# First Touring Bike



## lucky13 (Apr 12, 2008)

First Touring Bike
I am an experienced cyclist with both mountain and road cycling but want to get into touring. My main goal would to west to east coast tour in a few years when the kids are older but short term maybe a week long tour couple times a year.

I am looking for suggestions on bikes and components.

I am fairly familiar with road and mountain bike comps and I know touring bikes use a mixture of both.

I was wondering if I should buy a frame and built slowly with quality parts or buy a stock bike.

I would like opinions on buying used through ebay or cycling website?


Looking to save a little money and keep wife happy.

I would like a bike with a little pep to it but also dependable. I will have both front and rear panniers for touring purposes.


any advise appreciated


----------



## MB1 (Jan 27, 2004)

Get a BOB trailer and use whatever bike you already have.

Seriously.


----------



## wim (Feb 28, 2005)

The trailer bit does make sense. Sort of like owning a Porsche as your only car, but still being able to go to Lowe's every so often to pick up some two-by-fours.  
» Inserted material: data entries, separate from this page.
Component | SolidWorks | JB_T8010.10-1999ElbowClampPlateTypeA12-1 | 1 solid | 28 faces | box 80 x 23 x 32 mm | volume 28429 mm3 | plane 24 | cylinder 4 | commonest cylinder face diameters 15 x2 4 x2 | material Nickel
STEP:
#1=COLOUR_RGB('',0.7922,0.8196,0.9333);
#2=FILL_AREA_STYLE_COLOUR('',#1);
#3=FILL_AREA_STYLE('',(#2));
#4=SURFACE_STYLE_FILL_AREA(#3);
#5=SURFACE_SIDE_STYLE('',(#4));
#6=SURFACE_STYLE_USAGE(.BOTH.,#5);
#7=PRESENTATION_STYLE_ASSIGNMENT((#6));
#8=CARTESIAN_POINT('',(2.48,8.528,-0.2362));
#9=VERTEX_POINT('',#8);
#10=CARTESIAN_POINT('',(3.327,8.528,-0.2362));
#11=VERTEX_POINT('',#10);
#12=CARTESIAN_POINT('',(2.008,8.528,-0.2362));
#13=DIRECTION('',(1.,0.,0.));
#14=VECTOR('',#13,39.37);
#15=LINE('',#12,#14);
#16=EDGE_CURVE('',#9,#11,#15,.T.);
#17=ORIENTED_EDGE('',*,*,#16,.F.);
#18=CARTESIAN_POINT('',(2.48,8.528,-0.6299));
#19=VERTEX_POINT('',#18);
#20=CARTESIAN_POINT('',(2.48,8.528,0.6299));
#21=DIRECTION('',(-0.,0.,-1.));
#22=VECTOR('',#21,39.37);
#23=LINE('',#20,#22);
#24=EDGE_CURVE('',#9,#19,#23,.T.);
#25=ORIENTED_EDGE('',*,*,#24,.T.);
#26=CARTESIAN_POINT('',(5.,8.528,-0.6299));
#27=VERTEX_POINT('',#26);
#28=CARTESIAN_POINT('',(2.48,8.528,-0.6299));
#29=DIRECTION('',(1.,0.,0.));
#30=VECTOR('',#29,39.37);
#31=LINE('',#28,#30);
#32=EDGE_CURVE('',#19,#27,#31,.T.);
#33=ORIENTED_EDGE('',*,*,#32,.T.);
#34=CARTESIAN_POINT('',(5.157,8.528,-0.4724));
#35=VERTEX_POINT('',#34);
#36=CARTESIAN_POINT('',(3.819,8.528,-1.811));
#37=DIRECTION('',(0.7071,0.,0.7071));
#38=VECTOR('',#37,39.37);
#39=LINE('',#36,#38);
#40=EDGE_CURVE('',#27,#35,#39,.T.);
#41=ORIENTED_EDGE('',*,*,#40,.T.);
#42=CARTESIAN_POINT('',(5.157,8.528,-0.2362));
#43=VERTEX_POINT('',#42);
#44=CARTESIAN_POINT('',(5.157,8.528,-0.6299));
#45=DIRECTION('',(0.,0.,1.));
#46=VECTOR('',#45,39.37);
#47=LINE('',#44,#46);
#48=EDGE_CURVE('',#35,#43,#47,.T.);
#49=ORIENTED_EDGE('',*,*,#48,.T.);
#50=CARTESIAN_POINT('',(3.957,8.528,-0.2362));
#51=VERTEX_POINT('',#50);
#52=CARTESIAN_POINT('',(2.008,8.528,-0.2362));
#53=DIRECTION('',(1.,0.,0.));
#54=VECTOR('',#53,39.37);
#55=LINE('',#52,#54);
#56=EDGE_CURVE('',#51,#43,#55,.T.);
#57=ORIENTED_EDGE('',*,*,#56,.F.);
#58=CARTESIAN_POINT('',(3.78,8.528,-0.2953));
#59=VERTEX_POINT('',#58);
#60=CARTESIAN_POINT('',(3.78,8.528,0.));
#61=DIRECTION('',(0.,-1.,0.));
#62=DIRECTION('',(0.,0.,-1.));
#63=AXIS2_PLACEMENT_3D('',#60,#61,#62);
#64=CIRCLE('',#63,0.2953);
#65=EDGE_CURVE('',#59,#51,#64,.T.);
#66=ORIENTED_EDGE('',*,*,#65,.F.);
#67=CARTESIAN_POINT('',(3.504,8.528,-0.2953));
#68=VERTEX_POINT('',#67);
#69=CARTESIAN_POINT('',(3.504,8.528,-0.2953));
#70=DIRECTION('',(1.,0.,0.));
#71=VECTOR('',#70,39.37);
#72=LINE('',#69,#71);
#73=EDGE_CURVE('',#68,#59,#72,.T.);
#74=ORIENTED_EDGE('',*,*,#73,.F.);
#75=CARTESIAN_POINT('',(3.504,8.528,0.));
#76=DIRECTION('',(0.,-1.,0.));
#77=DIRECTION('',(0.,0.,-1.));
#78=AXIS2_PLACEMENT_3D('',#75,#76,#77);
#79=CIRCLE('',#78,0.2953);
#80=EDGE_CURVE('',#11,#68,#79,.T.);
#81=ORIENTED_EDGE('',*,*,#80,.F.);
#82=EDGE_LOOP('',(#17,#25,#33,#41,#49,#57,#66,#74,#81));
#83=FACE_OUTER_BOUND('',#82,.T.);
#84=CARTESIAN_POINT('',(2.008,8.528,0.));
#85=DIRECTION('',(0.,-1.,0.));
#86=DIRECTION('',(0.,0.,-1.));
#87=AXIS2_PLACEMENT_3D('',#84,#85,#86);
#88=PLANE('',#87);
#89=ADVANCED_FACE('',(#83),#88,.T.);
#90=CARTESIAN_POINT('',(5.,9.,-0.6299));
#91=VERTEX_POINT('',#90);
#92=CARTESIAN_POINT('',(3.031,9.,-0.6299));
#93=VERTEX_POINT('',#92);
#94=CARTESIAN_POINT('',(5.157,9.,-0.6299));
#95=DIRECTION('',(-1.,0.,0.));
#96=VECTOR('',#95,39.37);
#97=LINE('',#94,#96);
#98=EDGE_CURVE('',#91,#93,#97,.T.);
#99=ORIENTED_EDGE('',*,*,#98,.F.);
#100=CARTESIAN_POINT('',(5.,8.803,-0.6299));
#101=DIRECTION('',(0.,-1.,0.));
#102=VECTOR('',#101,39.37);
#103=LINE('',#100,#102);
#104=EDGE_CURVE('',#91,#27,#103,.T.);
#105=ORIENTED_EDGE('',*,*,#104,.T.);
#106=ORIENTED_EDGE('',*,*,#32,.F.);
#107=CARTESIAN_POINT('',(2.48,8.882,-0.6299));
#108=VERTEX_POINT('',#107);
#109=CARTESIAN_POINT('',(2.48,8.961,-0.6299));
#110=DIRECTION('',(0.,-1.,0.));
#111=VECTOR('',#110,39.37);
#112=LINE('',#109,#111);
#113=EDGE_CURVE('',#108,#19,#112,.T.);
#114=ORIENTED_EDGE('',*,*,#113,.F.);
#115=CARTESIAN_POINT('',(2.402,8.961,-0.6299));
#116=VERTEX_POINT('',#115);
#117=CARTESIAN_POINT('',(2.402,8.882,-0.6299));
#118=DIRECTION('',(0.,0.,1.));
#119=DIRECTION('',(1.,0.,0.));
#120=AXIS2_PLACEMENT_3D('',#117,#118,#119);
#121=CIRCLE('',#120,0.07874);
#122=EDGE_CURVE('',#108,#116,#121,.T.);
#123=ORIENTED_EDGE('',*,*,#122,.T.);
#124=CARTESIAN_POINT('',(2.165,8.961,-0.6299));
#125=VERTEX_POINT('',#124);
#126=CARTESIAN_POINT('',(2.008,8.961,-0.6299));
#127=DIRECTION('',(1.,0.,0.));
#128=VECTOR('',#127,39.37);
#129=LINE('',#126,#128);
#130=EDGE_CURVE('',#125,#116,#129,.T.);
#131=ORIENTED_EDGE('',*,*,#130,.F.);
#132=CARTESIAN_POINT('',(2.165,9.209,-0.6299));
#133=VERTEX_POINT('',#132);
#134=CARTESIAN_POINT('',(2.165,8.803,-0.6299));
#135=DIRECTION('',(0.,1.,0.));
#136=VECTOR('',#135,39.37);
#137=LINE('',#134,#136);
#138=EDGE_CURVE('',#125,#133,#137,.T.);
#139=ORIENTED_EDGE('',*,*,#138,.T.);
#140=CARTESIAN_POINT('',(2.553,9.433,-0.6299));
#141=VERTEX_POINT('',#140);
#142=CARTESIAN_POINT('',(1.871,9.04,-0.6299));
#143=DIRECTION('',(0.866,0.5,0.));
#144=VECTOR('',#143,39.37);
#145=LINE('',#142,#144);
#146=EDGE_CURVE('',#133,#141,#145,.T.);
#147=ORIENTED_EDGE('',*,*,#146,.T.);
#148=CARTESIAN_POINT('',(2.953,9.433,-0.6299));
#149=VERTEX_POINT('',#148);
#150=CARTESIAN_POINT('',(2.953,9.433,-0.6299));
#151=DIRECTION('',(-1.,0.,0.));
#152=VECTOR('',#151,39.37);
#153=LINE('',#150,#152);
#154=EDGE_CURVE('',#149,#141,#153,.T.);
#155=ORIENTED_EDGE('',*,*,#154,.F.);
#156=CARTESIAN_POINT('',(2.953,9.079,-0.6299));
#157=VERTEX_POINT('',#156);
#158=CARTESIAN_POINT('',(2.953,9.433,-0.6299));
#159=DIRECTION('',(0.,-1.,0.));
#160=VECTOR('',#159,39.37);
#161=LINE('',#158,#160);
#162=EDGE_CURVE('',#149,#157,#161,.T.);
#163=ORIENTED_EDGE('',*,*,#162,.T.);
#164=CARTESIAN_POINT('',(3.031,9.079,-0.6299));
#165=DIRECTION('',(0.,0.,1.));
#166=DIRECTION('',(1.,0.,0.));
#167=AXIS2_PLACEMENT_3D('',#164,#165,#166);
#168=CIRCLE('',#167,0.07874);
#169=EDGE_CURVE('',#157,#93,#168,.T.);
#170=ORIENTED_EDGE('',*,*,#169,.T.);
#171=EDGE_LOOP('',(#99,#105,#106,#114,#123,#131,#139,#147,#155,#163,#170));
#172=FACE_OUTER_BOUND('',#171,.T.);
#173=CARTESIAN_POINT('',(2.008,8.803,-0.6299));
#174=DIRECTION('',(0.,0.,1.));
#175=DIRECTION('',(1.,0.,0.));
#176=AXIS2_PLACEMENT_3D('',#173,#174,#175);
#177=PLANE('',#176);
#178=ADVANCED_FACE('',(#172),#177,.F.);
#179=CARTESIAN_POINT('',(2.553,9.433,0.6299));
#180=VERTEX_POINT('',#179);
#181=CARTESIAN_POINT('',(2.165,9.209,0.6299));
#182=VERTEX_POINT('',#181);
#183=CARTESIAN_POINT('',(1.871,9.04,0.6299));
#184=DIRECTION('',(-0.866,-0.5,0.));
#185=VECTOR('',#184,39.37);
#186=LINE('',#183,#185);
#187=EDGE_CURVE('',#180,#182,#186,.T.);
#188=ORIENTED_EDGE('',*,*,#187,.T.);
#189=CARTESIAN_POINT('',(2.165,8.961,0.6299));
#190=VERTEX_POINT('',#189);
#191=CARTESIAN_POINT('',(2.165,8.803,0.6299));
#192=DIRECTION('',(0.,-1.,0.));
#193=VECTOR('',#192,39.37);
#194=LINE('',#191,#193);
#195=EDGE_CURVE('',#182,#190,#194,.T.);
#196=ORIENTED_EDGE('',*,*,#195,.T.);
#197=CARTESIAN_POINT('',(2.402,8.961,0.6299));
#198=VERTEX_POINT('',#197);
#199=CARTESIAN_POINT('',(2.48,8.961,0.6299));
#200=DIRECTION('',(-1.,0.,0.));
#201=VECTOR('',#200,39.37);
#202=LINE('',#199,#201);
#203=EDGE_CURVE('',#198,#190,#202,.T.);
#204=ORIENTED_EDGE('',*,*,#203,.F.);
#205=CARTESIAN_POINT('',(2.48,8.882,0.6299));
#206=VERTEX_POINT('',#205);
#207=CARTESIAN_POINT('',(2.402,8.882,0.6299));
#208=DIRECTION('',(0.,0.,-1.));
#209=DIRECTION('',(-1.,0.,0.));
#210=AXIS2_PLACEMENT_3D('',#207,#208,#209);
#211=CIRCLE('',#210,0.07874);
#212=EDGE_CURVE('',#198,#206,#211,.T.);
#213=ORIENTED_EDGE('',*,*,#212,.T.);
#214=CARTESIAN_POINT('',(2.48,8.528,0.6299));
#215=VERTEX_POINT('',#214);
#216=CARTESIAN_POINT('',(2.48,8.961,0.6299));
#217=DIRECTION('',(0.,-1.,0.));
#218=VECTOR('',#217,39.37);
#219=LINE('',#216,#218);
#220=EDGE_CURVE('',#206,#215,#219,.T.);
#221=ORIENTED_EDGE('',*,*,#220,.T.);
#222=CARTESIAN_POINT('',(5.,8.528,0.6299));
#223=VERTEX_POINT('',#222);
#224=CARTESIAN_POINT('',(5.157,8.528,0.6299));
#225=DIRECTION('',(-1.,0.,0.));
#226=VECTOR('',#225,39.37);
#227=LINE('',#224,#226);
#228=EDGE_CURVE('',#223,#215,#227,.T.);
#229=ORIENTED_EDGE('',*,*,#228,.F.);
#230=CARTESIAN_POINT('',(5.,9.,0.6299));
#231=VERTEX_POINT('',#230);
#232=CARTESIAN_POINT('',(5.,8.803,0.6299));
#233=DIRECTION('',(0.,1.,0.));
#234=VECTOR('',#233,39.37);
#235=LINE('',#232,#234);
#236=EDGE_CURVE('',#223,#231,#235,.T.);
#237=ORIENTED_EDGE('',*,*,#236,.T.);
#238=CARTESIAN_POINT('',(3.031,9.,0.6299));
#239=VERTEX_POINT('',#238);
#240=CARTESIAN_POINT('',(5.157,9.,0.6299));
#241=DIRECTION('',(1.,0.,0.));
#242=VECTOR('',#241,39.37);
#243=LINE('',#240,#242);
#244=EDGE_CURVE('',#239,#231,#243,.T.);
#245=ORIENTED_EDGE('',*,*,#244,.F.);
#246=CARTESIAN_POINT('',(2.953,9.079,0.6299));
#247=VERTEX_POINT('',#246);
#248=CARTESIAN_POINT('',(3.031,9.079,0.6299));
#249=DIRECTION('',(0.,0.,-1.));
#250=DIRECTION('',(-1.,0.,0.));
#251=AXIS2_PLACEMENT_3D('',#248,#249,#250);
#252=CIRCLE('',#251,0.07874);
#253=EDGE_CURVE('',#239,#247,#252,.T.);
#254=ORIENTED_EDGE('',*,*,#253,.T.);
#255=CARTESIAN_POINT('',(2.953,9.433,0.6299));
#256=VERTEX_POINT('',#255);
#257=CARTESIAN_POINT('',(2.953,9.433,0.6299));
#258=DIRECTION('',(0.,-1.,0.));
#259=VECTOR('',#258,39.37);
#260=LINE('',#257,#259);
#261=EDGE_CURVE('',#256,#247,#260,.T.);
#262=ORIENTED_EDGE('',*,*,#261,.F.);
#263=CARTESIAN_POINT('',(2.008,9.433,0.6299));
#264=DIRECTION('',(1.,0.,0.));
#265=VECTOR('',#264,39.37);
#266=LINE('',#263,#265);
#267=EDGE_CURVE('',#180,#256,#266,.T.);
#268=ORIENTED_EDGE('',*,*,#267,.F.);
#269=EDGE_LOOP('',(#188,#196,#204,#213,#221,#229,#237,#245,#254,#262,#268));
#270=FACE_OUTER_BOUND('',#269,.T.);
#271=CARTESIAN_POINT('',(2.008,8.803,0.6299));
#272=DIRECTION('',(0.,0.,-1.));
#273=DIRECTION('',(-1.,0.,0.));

But if you can't see yourself pulling a trailer, here's what I posted earlier in the "Bikes, Frames and Forks" forum:

Touring-specific cycling websites like the ones linked are the best way to get informed nowadays before you buy. Ebay sellers of "touring bikes" often have no idea what a real touring bike is. Most bike shops are not far behind on the touring bike ignorance scale. Not suggesting you buy from these linked sites, but read what they have to say before making your purchase.
http://www.bgcycles.com/ 
http://www.rivbike.com/


----------



## Reynolds531 (Nov 8, 2002)

As a baseline look at the $1200 Surley Long Haul Trucker. Compare your alternatives to this bike.


----------



## lucky13 (Apr 12, 2008)

I see what most touring bike frames are make of chromoly, would aluminum frame be strong enough to carrier front and rear panniers?


----------



## tarwheel2 (Jul 7, 2005)

Personally, I like the Soma Saga for a loaded touring frame. It costs a little more than the Surly Long Haul Trucker but has more favorable geometry for touring, IMHO. 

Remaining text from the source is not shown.